Paul Allen’s Art Collection Sets Record With $1.5 Billion Sale
Microsoft
co-founder
Paul Allen’s
estate made auction history on Wednesday when a group of 60 artworks from his estate sold for $1.5 billion, smashing the record for priciest collection ever sold at auction.
Lush landscapes and rare examples by artists like Paul Cézanne, Georges Seurat, Sandro Botticelli and Jasper Johns anchored a sale at Christie’s in New York that reaffirmed the depth of the trophy-hunting art market at a time of broader economic uncertainty.
“He changed the way we live our lives,” Alex Rotter, Christie’s chairman of 20th and 21st century art, said of the personal-computing pioneer. “Now, he’s changed the art market.”
Mr. Allen’s trove surpassed the previous, $922 million record set in May by New York real-estate developer Harry Macklowe and his ex-wife, Linda Macklowe. Whereas the Macklowe holdings were packed with midcentury masters and pop icons like Andy Warhol, Mr. Allen amassed a museum’s breadth of pieces, from old masters to impressionists to American modernism.
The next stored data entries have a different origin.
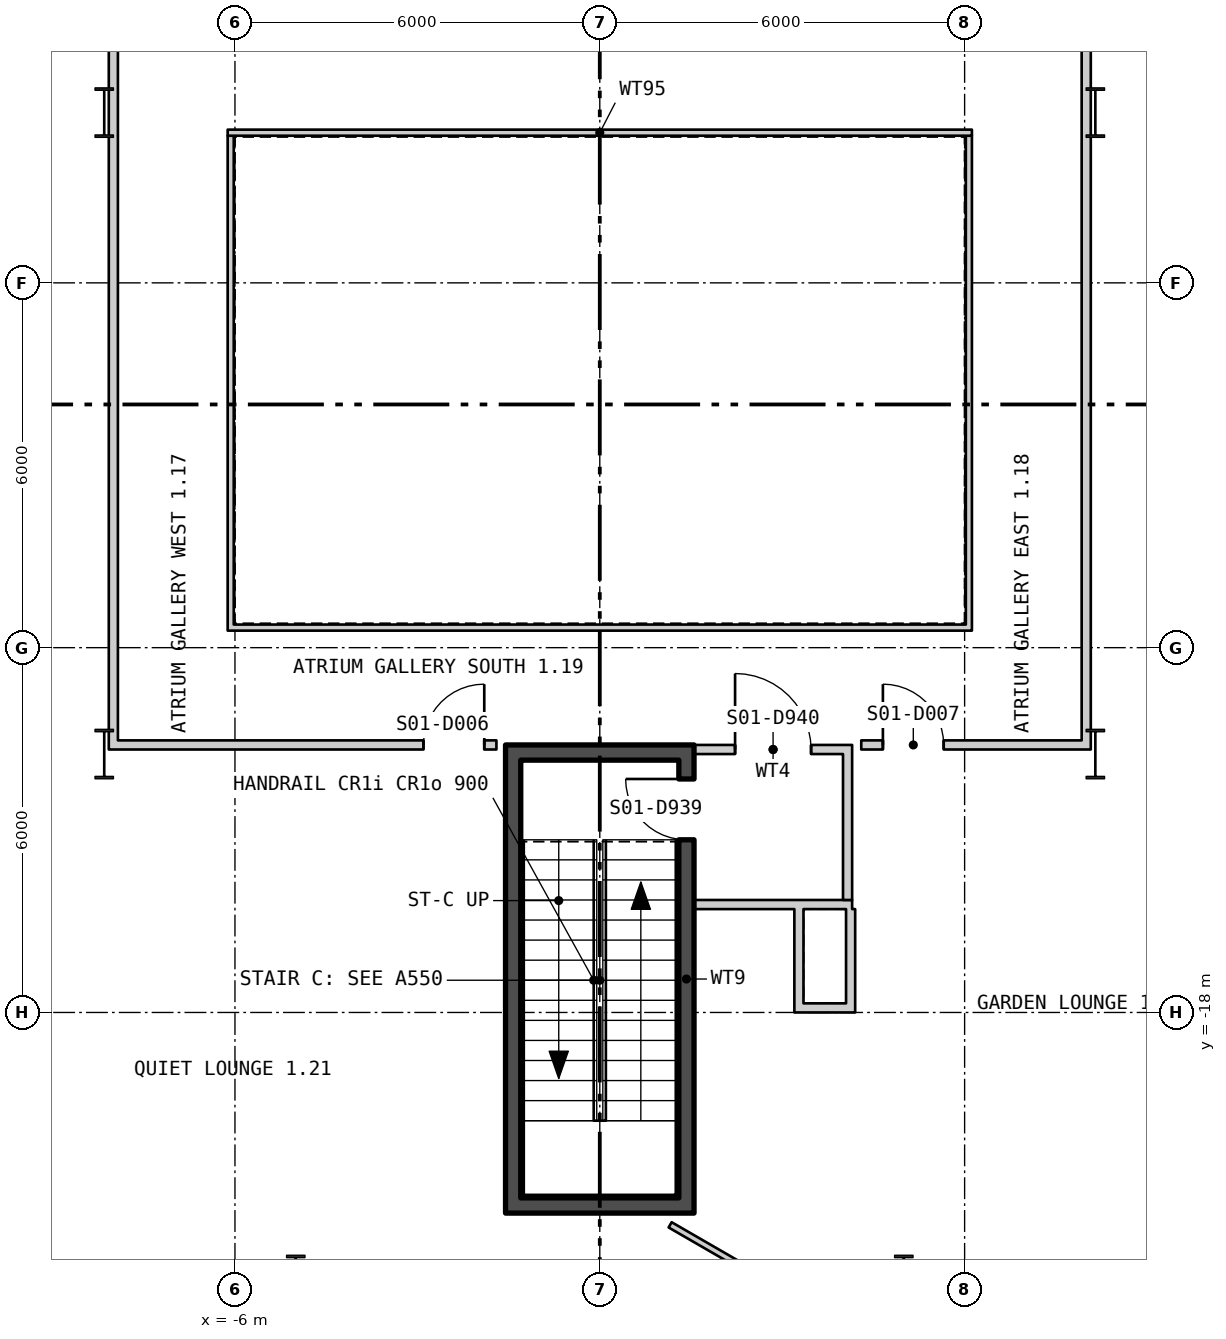
"""IFC4 building model, lengths in metres.
Left out: names, types, materials, properties, quantities, classifications, styles, units other than length and angle.
Written with IfcOpenShell. Run it as: python <this file> out.ifc"""

import sys

from ifc_helpers import new_model, si_unit, direction, frame, frame_2d, origin, origin_2d, place, context, subcontext, project, spatial, polyline, rectangle, i_section, outline, extrude, element, fill, save


model = new_model("IFC4")
c1 = context("Model", 3, precision=1e-05, world=origin(), true_north=direction((0.0, 1.0)))
c2 = subcontext(c1, "Body", "Model", "MODEL_VIEW")
j1 = project(units=[si_unit("LENGTHUNIT", "METRE"), si_unit("PLANEANGLEUNIT", "RADIAN")], contexts=[c1])
p1 = place(None, origin())
s1 = spatial("IfcSite", under=j1, at=p1, CompositionType="ELEMENT")
p2 = place(p1, origin())
s2 = spatial("IfcBuilding", under=s1, at=p2, CompositionType="ELEMENT")
p3 = place(p2, frame((0.0, 0.0, 28.8)))
s3 = spatial("IfcBuildingStorey", under=s2, at=p3, CompositionType="ELEMENT", Elevation=28.8)
for number, where, z_axis, x_axis in (
    (1, (8.15, -3.2, 0.0), (0.0, 0.0, 1.0), (1.0, 0.0, 0.0)),
    (2, (-8.15, -3.2, 0.0), (0.0, 0.0, 1.0), (1.0, 0.0, 0.0)),
    (3, (8.15, -13.75, 0.0), (0.0, 0.0, 1.0), (1.0, 0.0, 0.0)),
    (4, (-8.15, -13.75, 0.0), (0.0, 0.0, 1.0), (1.0, 0.0, 0.0)),
    (5, (5.0, -22.4, 0.0), (0.0, 0.0, 1.0), (1.0, 0.0, 0.0)),
    (6, (-5.0, -22.4, 0.0), (0.0, 0.0, 1.0), (1.0, 0.0, 0.0)),
):
    element("IfcColumn", number, at=place(p3, frame(where, z_axis=z_axis, x_axis=x_axis)), inside=s3, PredefinedType="COLUMN", context=c2, shape_type="SweptSolid", body=[
        extrude(i_section(OverallWidth=0.303, OverallDepth=0.814, WebThickness=0.021, FlangeThickness=0.04, at=origin_2d()), origin(), (0.0, 0.0, 1.0), 4.5),
    ])
p4 = place(p3, frame((-28.74, 9.808, -0.23), z_axis=(0.0, 0.0, 1.0), x_axis=(0.499999764979, -0.866025539474, 0.0)))
e7 = element("IfcWall", 7, at=p4, inside=s3, PredefinedType="SOLIDWALL", context=c2, shape_type="SweptSolid", body=[
    extrude(outline(polyline([(-0.13, -0.225), (45.87, -0.225), (45.61, 0.225), (0.13, 0.225), (-0.13, -0.225)])), origin(), (0.0, 0.0, 1.0), 4.55),
])
p5 = place(p4, frame((1.724, 0.0, 0.23)))
e8 = element("IfcOpeningElement", 8, at=p5, cuts=e7, PredefinedType="OPENING", context=c2, shape_type="SweptSolid", body=[
    extrude(rectangle(XDim=1.8, YDim=2.4, at=frame_2d((0.9, 1.2))), frame((0.0, 0.235, 0.0), z_axis=(0.0, -1.0, 0.0), x_axis=(1.0, 0.0, 0.0)), (0.0, 0.0, 1.0), 0.47),
])
p6 = place(p4, frame((5.893, 0.0, 1.13)))
e9 = element("IfcOpeningElement", 9, at=p6, cuts=e7, PredefinedType="OPENING", context=c2, shape_type="SweptSolid", body=[
    extrude(rectangle(XDim=2.4, YDim=2.6, at=frame_2d((1.2, 1.3))), frame((0.0, 0.235, 0.0), z_axis=(0.0, -1.0, 0.0), x_axis=(1.0, 0.0, 0.0)), (0.0, 0.0, 1.0), 0.47),
])
p7 = place(p4, frame((10.401, 0.0, 1.13)))
e10 = element("IfcOpeningElement", 10, at=p7, cuts=e7, PredefinedType="OPENING", context=c2, shape_type="SweptSolid", body=[
    extrude(rectangle(XDim=2.4, YDim=2.6, at=frame_2d((1.2, 1.3))), frame((0.0, 0.235, 0.0), z_axis=(0.0, -1.0, 0.0), x_axis=(1.0, 0.0, 0.0)), (0.0, 0.0, 1.0), 0.47),
])
p8 = place(p4, frame((14.909, 0.0, 1.13)))
e11 = element("IfcOpeningElement", 11, at=p8, cuts=e7, PredefinedType="OPENING", context=c2, shape_type="SweptSolid", body=[
    extrude(rectangle(XDim=2.4, YDim=2.6, at=frame_2d((1.2, 1.3))), frame((0.0, 0.235, 0.0), z_axis=(0.0, -1.0, 0.0), x_axis=(1.0, 0.0, 0.0)), (0.0, 0.0, 1.0), 0.47),
])
p9 = place(p4, frame((19.416, 0.0, 1.13)))
e12 = element("IfcOpeningElement", 12, at=p9, cuts=e7, PredefinedType="OPENING", context=c2, shape_type="SweptSolid", body=[
    extrude(rectangle(XDim=2.4, YDim=2.6, at=frame_2d((1.2, 1.3))), frame((0.0, 0.235, 0.0), z_axis=(0.0, -1.0, 0.0), x_axis=(1.0, 0.0, 0.0)), (0.0, 0.0, 1.0), 0.47),
])
p10 = place(p4, frame((23.924, 0.0, 1.13)))
e13 = element("IfcOpeningElement", 13, at=p10, cuts=e7, PredefinedType="OPENING", context=c2, shape_type="SweptSolid", body=[
    extrude(rectangle(XDim=2.4, YDim=2.6, at=frame_2d((1.2, 1.3))), frame((0.0, 0.235, 0.0), z_axis=(0.0, -1.0, 0.0), x_axis=(1.0, 0.0, 0.0)), (0.0, 0.0, 1.0), 0.47),
])
p11 = place(p4, frame((28.431, 0.0, 1.13)))
e14 = element("IfcOpeningElement", 14, at=p11, cuts=e7, PredefinedType="OPENING", context=c2, shape_type="SweptSolid", body=[
    extrude(rectangle(XDim=2.4, YDim=2.6, at=frame_2d((1.2, 1.3))), frame((0.0, 0.235, 0.0), z_axis=(0.0, -1.0, 0.0), x_axis=(1.0, 0.0, 0.0)), (0.0, 0.0, 1.0), 0.47),
])
p12 = place(p4, frame((33.239, 0.0, 0.23)))
e15 = element("IfcOpeningElement", 15, at=p12, cuts=e7, PredefinedType="OPENING", context=c2, shape_type="SweptSolid", body=[
    extrude(rectangle(XDim=1.8, YDim=2.4, at=frame_2d((0.9, 1.2))), frame((0.0, 0.235, 0.0), z_axis=(0.0, -1.0, 0.0), x_axis=(1.0, 0.0, 0.0)), (0.0, 0.0, 1.0), 0.47),
])
p13 = place(p4, frame((37.447, 0.0, 1.13)))
e16 = element("IfcOpeningElement", 16, at=p13, cuts=e7, PredefinedType="OPENING", context=c2, shape_type="SweptSolid", body=[
    extrude(rectangle(XDim=2.4, YDim=2.6, at=frame_2d((1.2, 1.3))), frame((0.0, 0.235, 0.0), z_axis=(0.0, -1.0, 0.0), x_axis=(1.0, 0.0, 0.0)), (0.0, 0.0, 1.0), 0.47),
])
p14 = place(p4, frame((41.916, 0.0, 1.13)))
e17 = element("IfcOpeningElement", 17, at=p14, cuts=e7, PredefinedType="OPENING", context=c2, shape_type="SweptSolid", body=[
    extrude(rectangle(XDim=2.4, YDim=2.6, at=frame_2d((1.2, 1.3))), frame((0.0, 0.235, 0.0), z_axis=(0.0, -1.0, 0.0), x_axis=(1.0, 0.0, 0.0)), (0.0, 0.0, 1.0), 0.47),
])
p15 = place(p3, frame((5.87, -29.805, -0.23), z_axis=(0.0, 0.0, 1.0), x_axis=(0.499999764979, 0.866025539474, 0.0)))
e18 = element("IfcWall", 18, at=p15, inside=s3, PredefinedType="SOLIDWALL", context=c2, shape_type="SweptSolid", body=[
    extrude(outline(polyline([(-0.13, -0.225), (45.87, -0.225), (45.61, 0.225), (0.13, 0.225), (-0.13, -0.225)])), origin(), (0.0, 0.0, 1.0), 4.55),
])
p16 = place(p15, frame((1.424, 0.0, 1.13)))
e19 = element("IfcOpeningElement", 19, at=p16, cuts=e18, PredefinedType="OPENING", context=c2, shape_type="SweptSolid", body=[
    extrude(rectangle(XDim=2.4, YDim=2.6, at=frame_2d((1.2, 1.3))), frame((0.0, 0.235, 0.0), z_axis=(0.0, -1.0, 0.0), x_axis=(1.0, 0.0, 0.0)), (0.0, 0.0, 1.0), 0.47),
])
p17 = place(p15, frame((5.893, 0.0, 1.13)))
e20 = element("IfcOpeningElement", 20, at=p17, cuts=e18, PredefinedType="OPENING", context=c2, shape_type="SweptSolid", body=[
    extrude(rectangle(XDim=2.4, YDim=2.6, at=frame_2d((1.2, 1.3))), frame((0.0, 0.235, 0.0), z_axis=(0.0, -1.0, 0.0), x_axis=(1.0, 0.0, 0.0)), (0.0, 0.0, 1.0), 0.47),
])
p18 = place(p15, frame((10.701, 0.0, 0.23)))
e21 = element("IfcOpeningElement", 21, at=p18, cuts=e18, PredefinedType="OPENING", context=c2, shape_type="SweptSolid", body=[
    extrude(rectangle(XDim=1.8, YDim=2.4, at=frame_2d((0.9, 1.2))), frame((0.0, 0.235, 0.0), z_axis=(0.0, -1.0, 0.0), x_axis=(1.0, 0.0, 0.0)), (0.0, 0.0, 1.0), 0.47),
])
p19 = place(p15, frame((14.909, 0.0, 1.13)))
e22 = element("IfcOpeningElement", 22, at=p19, cuts=e18, PredefinedType="OPENING", context=c2, shape_type="SweptSolid", body=[
    extrude(rectangle(XDim=2.4, YDim=2.6, at=frame_2d((1.2, 1.3))), frame((0.0, 0.235, 0.0), z_axis=(0.0, -1.0, 0.0), x_axis=(1.0, 0.0, 0.0)), (0.0, 0.0, 1.0), 0.47),
])
p20 = place(p15, frame((19.416, 0.0, 1.13)))
e23 = element("IfcOpeningElement", 23, at=p20, cuts=e18, PredefinedType="OPENING", context=c2, shape_type="SweptSolid", body=[
    extrude(rectangle(XDim=2.4, YDim=2.6, at=frame_2d((1.2, 1.3))), frame((0.0, 0.235, 0.0), z_axis=(0.0, -1.0, 0.0), x_axis=(1.0, 0.0, 0.0)), (0.0, 0.0, 1.0), 0.47),
])
p21 = place(p15, frame((23.924, 0.0, 1.13)))
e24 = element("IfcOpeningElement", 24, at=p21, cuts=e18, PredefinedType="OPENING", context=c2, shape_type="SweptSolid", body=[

The sale had been expected to reach $1 billion, the house said.
Seurat’s $149.2 million “Models, Ensemble (Small Version),” proved to be the night’s star. The placemat-size painting of three women from 1888 hints at his larger, earlier scene of the same trio that belongs to Philadelphia’s Barnes Foundation. It was only estimated to sell for $100 million, but four bidders pushed it higher.
The winning telephone bid was fielded by Christie’s specialist Xin Li-Cohen, who often represents bidders from China and the U.S.
Rather than being the sale’s highflying outlier, the Seurat was merely one of five works that topped $100 million. These included a $137.8 million mountaintop vista by Cézanne from 1888-9, “La Montagne Sainte-Victoire,” that sold following a single bid to an anonymous telephone bidder.
Vincent Van Gogh’s 1888 “Orchard with Cypresses” also sold for $117.2 million to a different bidder fielded by Ms. Li-Cohen. Botticelli’s “Madonna of the Magnificat” sold for $48.4 million, well over its $40 million estimate.
Even for the seasoned art establishment, the domino effect of so many big-ticket pieces one after the next lent a surreal atmosphere to the proceedings, with well-heeled collectors holding their cellphones aloft as auctioneer
Adrien Meyer
or
Jussi Pylkkänen
brought down the gavel. (In a rare move for an evening sale, the men each took turns at the rostrum.)
The sale kicked off a two-week round of sales at rivals Sotheby’s and Phillips that are expected to bring in an additional $1 billion or more.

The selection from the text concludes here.